Purnartha debuts on smallcase

GARP smallcase will focus on stocks with earnings upgrades, the potential for growth & availability at reasonable valuations

Pune-based investment adviser (Purnartha Investment Advisers Private Limited / Registration No: INA000000672) (hereinafter referred to as ‘Purnartha’), has partnered with smallcase to offer a new portfolio to retail investors. Growth At Reasonable Price [GARP] smallcase is a portfolio of equities experiencing higher earnings or turnarounds from a sectoral cyclical downturn.

The philosophy of the GARP smallcase is to invest in businesses that are experiencing earnings upgrades that indicate the potential for growth and seek such businesses that are available at a reasonable valuation with a medium-term investment horizon.

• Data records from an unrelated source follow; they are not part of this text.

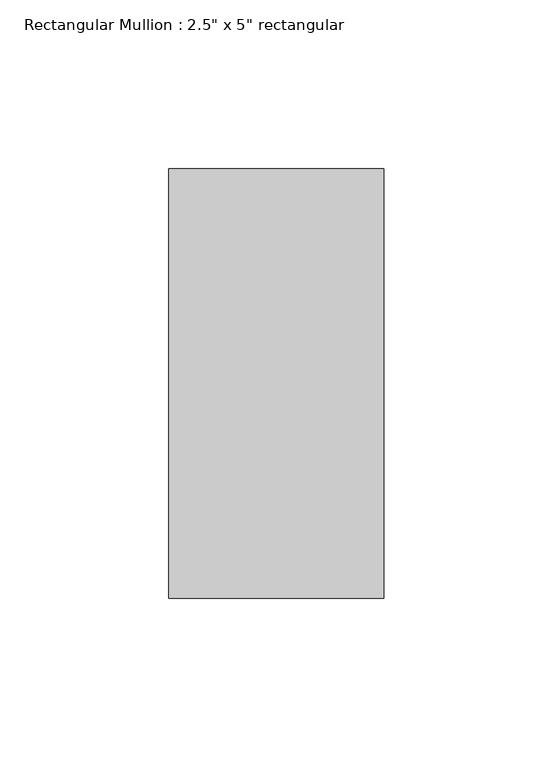
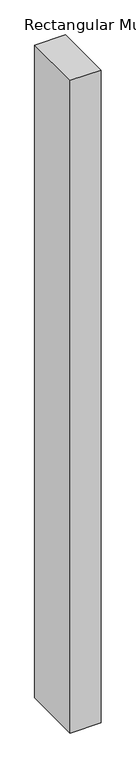
"""IFC4 building model written with IfcOpenShell, lengths in millimetres: member geometry."""

from ifc_helpers import new_model, si_unit, frame, origin, place, context, project, spatial, polyline, outline, extrude, source, transform, mapped, element, save


def member_9ad43860(model_context):
    return source(origin(), model_context, "Body", "SweptSolid", [
        extrude(outline(polyline([(0.0, 63.5), (0.0, -63.5), (-63.5, -63.5), (-63.5, 63.5), (0.0, 63.5)])), frame((0.0, 0.0, -1426.4677433), z_axis=(0.0, 0.0, 1.0), x_axis=(1.0, 0.0, 0.0)), (0.0, 0.0, 1.0), 1426.4677433),
    ])


if __name__ == "__main__":
    model = new_model("IFC4")
    model_context = context("Model", 3, world=origin())
    ifc_project = project(units=[si_unit("LENGTHUNIT", "METRE", prefix="MILLI")], contexts=[model_context])
    site = spatial("IfcSite", under=ifc_project)
    building = spatial("IfcBuilding", under=site)
    placement = place(None, origin())
    member_shape = member_9ad43860(model_context)
    element("IfcMember", 1, ObjectType="Rectangular Mullion : 2.5\" x 5\" rectangular", at=placement, inside=building, context=model_context, shape_type="MappedRepresentation", body=[
        mapped(member_shape, transform((0.0, 0.0, 0.0), x_axis=(1.0, 0.0, 0.0), y_axis=(0.0, 1.0, 0.0), z_axis=(0.0, 0.0, 1.0))),
    ])
    save(model, "model.ifc")

# Revit data of these elements
# Type "Rectangular Mullion : 2.5\" x 5\" rectangular"
#   built-in parameter 1007304 = 0.416667 (stored number, unit not read)
#   built-in parameter 1007301 = 0.104167 (stored number, unit not read)
#   built-in parameter 1007300 = 0.104167 (stored number, unit not read)
# Element 1 (IfcMember, "Rectangular Mullion : 2.5\" x 5\" rectangular")
#   Materials on its faces: "Iron, Ductile"
# Materials
#   "Iron, Ductile": class "Metal", colour RGB 0 0 0, transparency 0, Description = "Ductile cast iron", Cost = 0
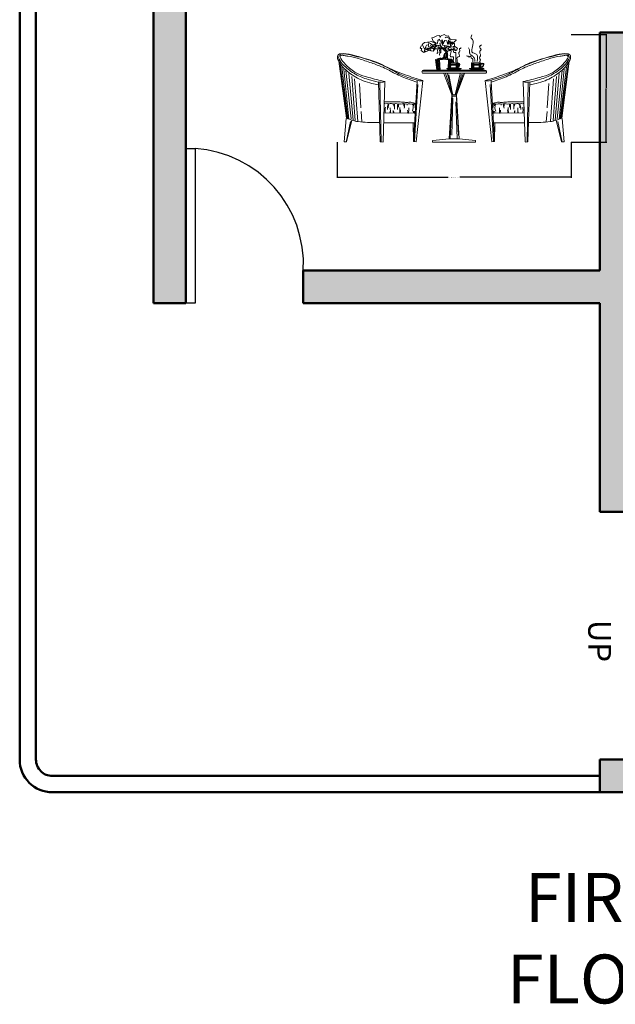
# Model space of a CAD drawing. Units: inches. Extents: x 1771 to 3025, y 319 to 889.
# Tile 13 of 35: x 2219 to 2402, y 319 to 621. Entities that reach past the tile are written whole.
import ezdxf

# ---------------------------------------------------------------- set-up
doc = ezdxf.new("R2010")
doc.units = ezdxf.units.IN
doc.header["$MEASUREMENT"] = 0
for name, color, linetype, lineweight in [('A-ANNO-DIMS', 2, 'Continuous', 18), ('A-AREA-IDEN', 241, 'Continuous', 25), ('A-DOOR', 4, 'Continuous', 25), ('A-FURN', 8, 'Continuous', 18), ('A-WALL', 7, 'Continuous', 50), ('A-WALL-PATT', 254, 'Continuous', 13)]:
    doc.layers.add(name, color=color, linetype=linetype, lineweight=lineweight)
doc.styles.get("Standard").update_dxf_attribs({"font": 'arial.ttf'})
doc.dimstyles.get("Standard").update_dxf_attribs({"dimtxt": 0.18, "dimasz": 0.18, "dimexe": 0.18, "dimexo": 0.0625, "dimgap": 0.09, "dimtad": 0, "dimtih": 1, "dimtoh": 1, "dimdec": 4, "dimzin": 0, "dimdsep": 46, "dimtxsty": 'Standard', "dimcen": 0.09, "dimadec": 0, "dimazin": 0, "dimtfac": 1, "dimtdec": 4, "dimtofl": 0, "dimtmove": 0, "dimatfit": 3, "dimfxl": 1, "dimtolj": 1, "dimtzin": 0, "dimarcsym": 0})

# ---------------------------------------------------------------- blocks, each defined once
blk = doc.blocks.new('A$C7D4176DC')
for p, q in [((850.3, 971.5), (825.9, 951.9)), ((879.3, 973.4), (850.3, 971.5)), ((889.6, 974.3), (879.3, 973.4)), ((886.8, 949.1), (892.4, 968.7)), ((914, 980.9), (889.6, 974.3)), ((892.4, 968.7), (908.4, 962.2)), ((908.4, 962.2), (934.6, 940.6)), ((947.7, 967.8), (914, 980.9)), ((936.5, 1019.3), (919.6, 1018.3)), ((919.6, 1018.3), (933.7, 984.6)), ((933.7, 984.6), (961.8, 966.8)), ((969.3, 1036.1), (936.5, 1019.3)), ((958, 965.9), (946.8, 953.7)), ((961.8, 966.8), (976.7, 961.2)), ((994.5, 1040.8), (969.3, 1036.1)), ((976.7, 961.2), (980.5, 991.2)), ((980.5, 991.2), (994.5, 1005.2)), ((1000.2, 1022.1), (994.5, 1040.8)), ((994.5, 1005.2), (999.2, 992.1)), ((999.2, 992.1), (1006.7, 983.7)), ((999.2, 965.9), (1016.1, 967.8)), ((1003, 952.8), (999.2, 965.9)), ((1008.6, 1036.1), (1000.2, 1022.1)), ((1006.7, 983.7), (1022.6, 987.4)), ((1010.5, 1037.1), (1041.4, 1048.3)), ((1022.6, 987.4), (1015.2, 989.3)), ((1016.1, 967.8), (1017, 970.6)), ((1029.2, 982.8), (1017, 998.7)), ((1017, 998.7), (1017, 981.8)), ((1017, 981.8), (1024.5, 946.2)), ((1017, 970.6), (1037.6, 969.7)), ((1032, 956.5), (1029.2, 982.8)), ((1042.3, 979.9), (1032, 956.5)), ((1037.6, 969.7), (1033, 971.5)), ((1041.4, 1048.3), (1064.8, 1036.1)), ((1047.9, 992.1), (1042.3, 979.9)), ((1066.7, 989.3), (1047.9, 992.1)), ((1051.7, 1018.3), (1059.2, 1023)), ((1059.2, 1023), (1090.1, 1013.6)), ((1064.8, 1036.1), (1077, 1034.2)), ((1075.1, 953.7), (1066.7, 989.3)), ((1077, 1034.2), (1084.5, 1035.2)), ((1081.7, 994), (1079.8, 959.4)), ((1095.7, 976.2), (1081.7, 994)), ((1084.5, 1035.2), (1097.6, 1007.1)), ((1103.2, 982.8), (1084.5, 969.7)), ((1084.5, 969.7), (1084.5, 959.4)), ((1091, 1009.9), (1088.2, 1005.2)), ((1088.2, 1005.2), (1104.1, 1009)), ((1090.1, 1013.6), (1091, 1009.9)), ((1104.1, 1009), (1091, 1005.2)), ((1091, 1005.2), (1100.4, 1003.4)), ((1121, 975.3), (1095.7, 976.2)), ((1100.4, 1003.4), (1103.2, 993.1)), ((1100.4, 971.5), (1103.2, 982.8)), ((1101.3, 940.6), (1100.4, 971.5)), ((1106, 966.8), (1104.1, 968.7)), ((1121, 969.7), (1106, 966.8)), ((1108.2, 1001.8), (1157.5, 996.8)), ((1119.1, 963.1), (1121, 969.7)), ((1127.6, 960.3), (1119.1, 963.1)), ((1132.2, 960.3), (1121, 975.3)), ((1137.9, 978.1), (1132.2, 960.3)), ((1151, 989.3), (1137.9, 978.1)), ((1159.4, 994), (1151, 989.3)), ((1157.5, 996.8), (1159.4, 994)), ((820.3, 941.6), (808.1, 920)), ((808.1, 920), (811.9, 913.5)), ((811.9, 913.5), (821.2, 911.6)), ((821.2, 911.6), (817.5, 893.8)), ((817.5, 893.8), (843.7, 875.1)), ((825.9, 951.9), (853.1, 902.3)), ((843.7, 875.1), (847.5, 880.7)), ((847.5, 897.6), (877.4, 906)), ((847.5, 880.7), (847.5, 897.6)), ((853.1, 902.3), (863.4, 931.3)), ((862.1, 880.4), (853.9, 886.5)), ((860.6, 917.2), (858.7, 916.3)), ((863.4, 917.2), (860.6, 917.2)), ((878.4, 916.3), (861.5, 919.1)), ((886.7, 892.7), (862.1, 880.4)), ((863.4, 931.3), (869, 944.4)), ((876.5, 911.6), (863.4, 917.2)), ((870.3, 898.8), (868.3, 907)), ((869, 944.4), (886.8, 949.1)), ((895, 892.7), (870.3, 898.8)), ((879.3, 906.9), (876.5, 911.6)), ((877.4, 906), (884.9, 905.1)), ((883.1, 912.5), (878.4, 916.3)), ((894.3, 912.5), (879.3, 906.9)), ((910.2, 917.2), (883.1, 912.5)), ((890.6, 924.7), (884, 950)), ((884.9, 905.1), (889.6, 903.2)), ((889.6, 903.2), (895.2, 901.3)), ((900.9, 928.5), (890.6, 924.7)), ((902.7, 916.3), (894.3, 912.5)), ((931.9, 888.6), (895, 892.7)), ((895.2, 901.3), (899, 917.2)), ((922.4, 927.5), (900.9, 928.5)), ((903.7, 927.5), (902.7, 916.3)), ((905.6, 928.5), (903.7, 927.5)), ((904.6, 923.8), (905.6, 928.5)), ((904.6, 920), (904.6, 923.8)), ((919.6, 920), (904.6, 920)), ((909.3, 913.2), (907.3, 892.7)), ((909.3, 940.6), (908.4, 947.2)), ((917.7, 936), (909.3, 940.6)), ((917.5, 890.6), (909.3, 890.6)), ((939.3, 910.7), (910.2, 917.2)), ((931.9, 888.6), (917.5, 890.6)), ((928, 933.1), (917.7, 936)), ((939.3, 913.5), (919.6, 920)), ((932.7, 929.4), (922.4, 927.5)), ((927.4, 947.9), (955.2, 956.5)), ((942.1, 925.7), (928, 933.1)), ((940.1, 909.1), (931.9, 888.6)), ((950.4, 907), (931.9, 888.6)), ((941.1, 929.4), (932.7, 929.4)), ((934.6, 940.6), (938.3, 938.8)), ((985.2, 912.5), (939.3, 910.7)), ((951.5, 911.6), (941.1, 929.4)), ((950.5, 917.2), (942.1, 925.7)), ((946.8, 953.7), (945.8, 946.2)), ((945.8, 946.2), (971.1, 945.3)), ((955.2, 940.6), (946.8, 924.7)), ((946.8, 924.7), (951.5, 918.2)), ((1026.4, 913.5), (950.4, 907.4)), ((952.4, 910.7), (950.5, 917.2)), ((959.9, 938.8), (951.5, 925.7)), ((951.5, 925.7), (954.3, 912.5)), ((951.5, 918.2), (951.5, 911.6)), ((954.3, 909.7), (955.2, 940.6)), ((954.3, 912.5), (954.3, 909.7)), ((955.2, 956.5), (961.8, 934.1)), ((986.1, 943.4), (960.8, 940.6)), ((961.8, 934.1), (984.2, 923.8)), ((967.4, 939.2), (999.2, 945.3)), ((977.6, 875.3), (973.4, 867.6)), ((973.4, 867.6), (973.4, 860.6)), ((976.2, 896.9), (974.8, 892)), ((974.8, 892), (977.6, 877.4)), ((978.3, 903.2), (976.2, 896.9)), ((977.6, 912.2), (978.3, 903.2)), ((977.6, 877.4), (977.6, 875.3)), ((984.2, 923.8), (995.5, 925.7)), ((988.9, 914.4), (985.2, 912.5)), ((989.9, 930.3), (986.1, 943.4)), ((991.7, 916.3), (988.9, 914.4)), ((989.5, 915.7), (998.5, 919.9)), ((995.5, 925.7), (989.9, 930.3)), ((1005.8, 917.2), (991.7, 916.3)), ((998.5, 904.6), (995.7, 898.3)), ((995.7, 898.3), (999.9, 878.8)), ((997.1, 872.5), (996.4, 855.8)), ((999.9, 878.8), (997.1, 872.5)), ((998.5, 919.9), (1000.6, 912.2)), ((1000.6, 912.2), (998.5, 904.6)), ((999.2, 945.3), (1003, 952.8)), ((1002, 948.1), (1001.1, 940.6)), ((1001.1, 940.6), (1006.7, 926.6)), ((1012.3, 931.3), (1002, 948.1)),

Devendra Phadke, Principal Officer, Purnartha said, “It is a moment of great pride for Purnartha as we open our research talent to the retail investors, having previously been associated with the HNI and UHNI segment through our advisory and portfolio management services. The objective of GARP is to provide investors with an opportunity to tap into Purnartha’s research capabilities at retail prices as well as to be in a position to generate alpha in the given investment horizon. GARP is a result of the integration of multiple investing styles while retaining Purnartha’s core investment value of investing in fundamentally sound stocks.”

Vasanth Kamath, Founder & CEO, smallcase said, “We are delighted to partner with Purnartha given their deep experience with providing portfolio solutions to retail & HNI investors for over a decade. It is a matter of great privilege to help them productize and publish their quality research in the smallcase form factor.”

The GARP smallcase is created by identifying businesses primarily from the Nifty 500 universe to construct a sector and market cap agnostic portfolio. Companies with earnings growth potential, robust corporate governance, and strong balance sheets with medium to low leverage are then chosen.

Based on the macroeconomic/sector/company-specific triggers, necessary actions beneficial to the portfolio are taken. A well-diversified, sector-agnostic portfolio mostly based on predefined qualitative and quantitative methods which select stocks with strong fundamentals, and reasonable value offers opportunities for delivering better returns.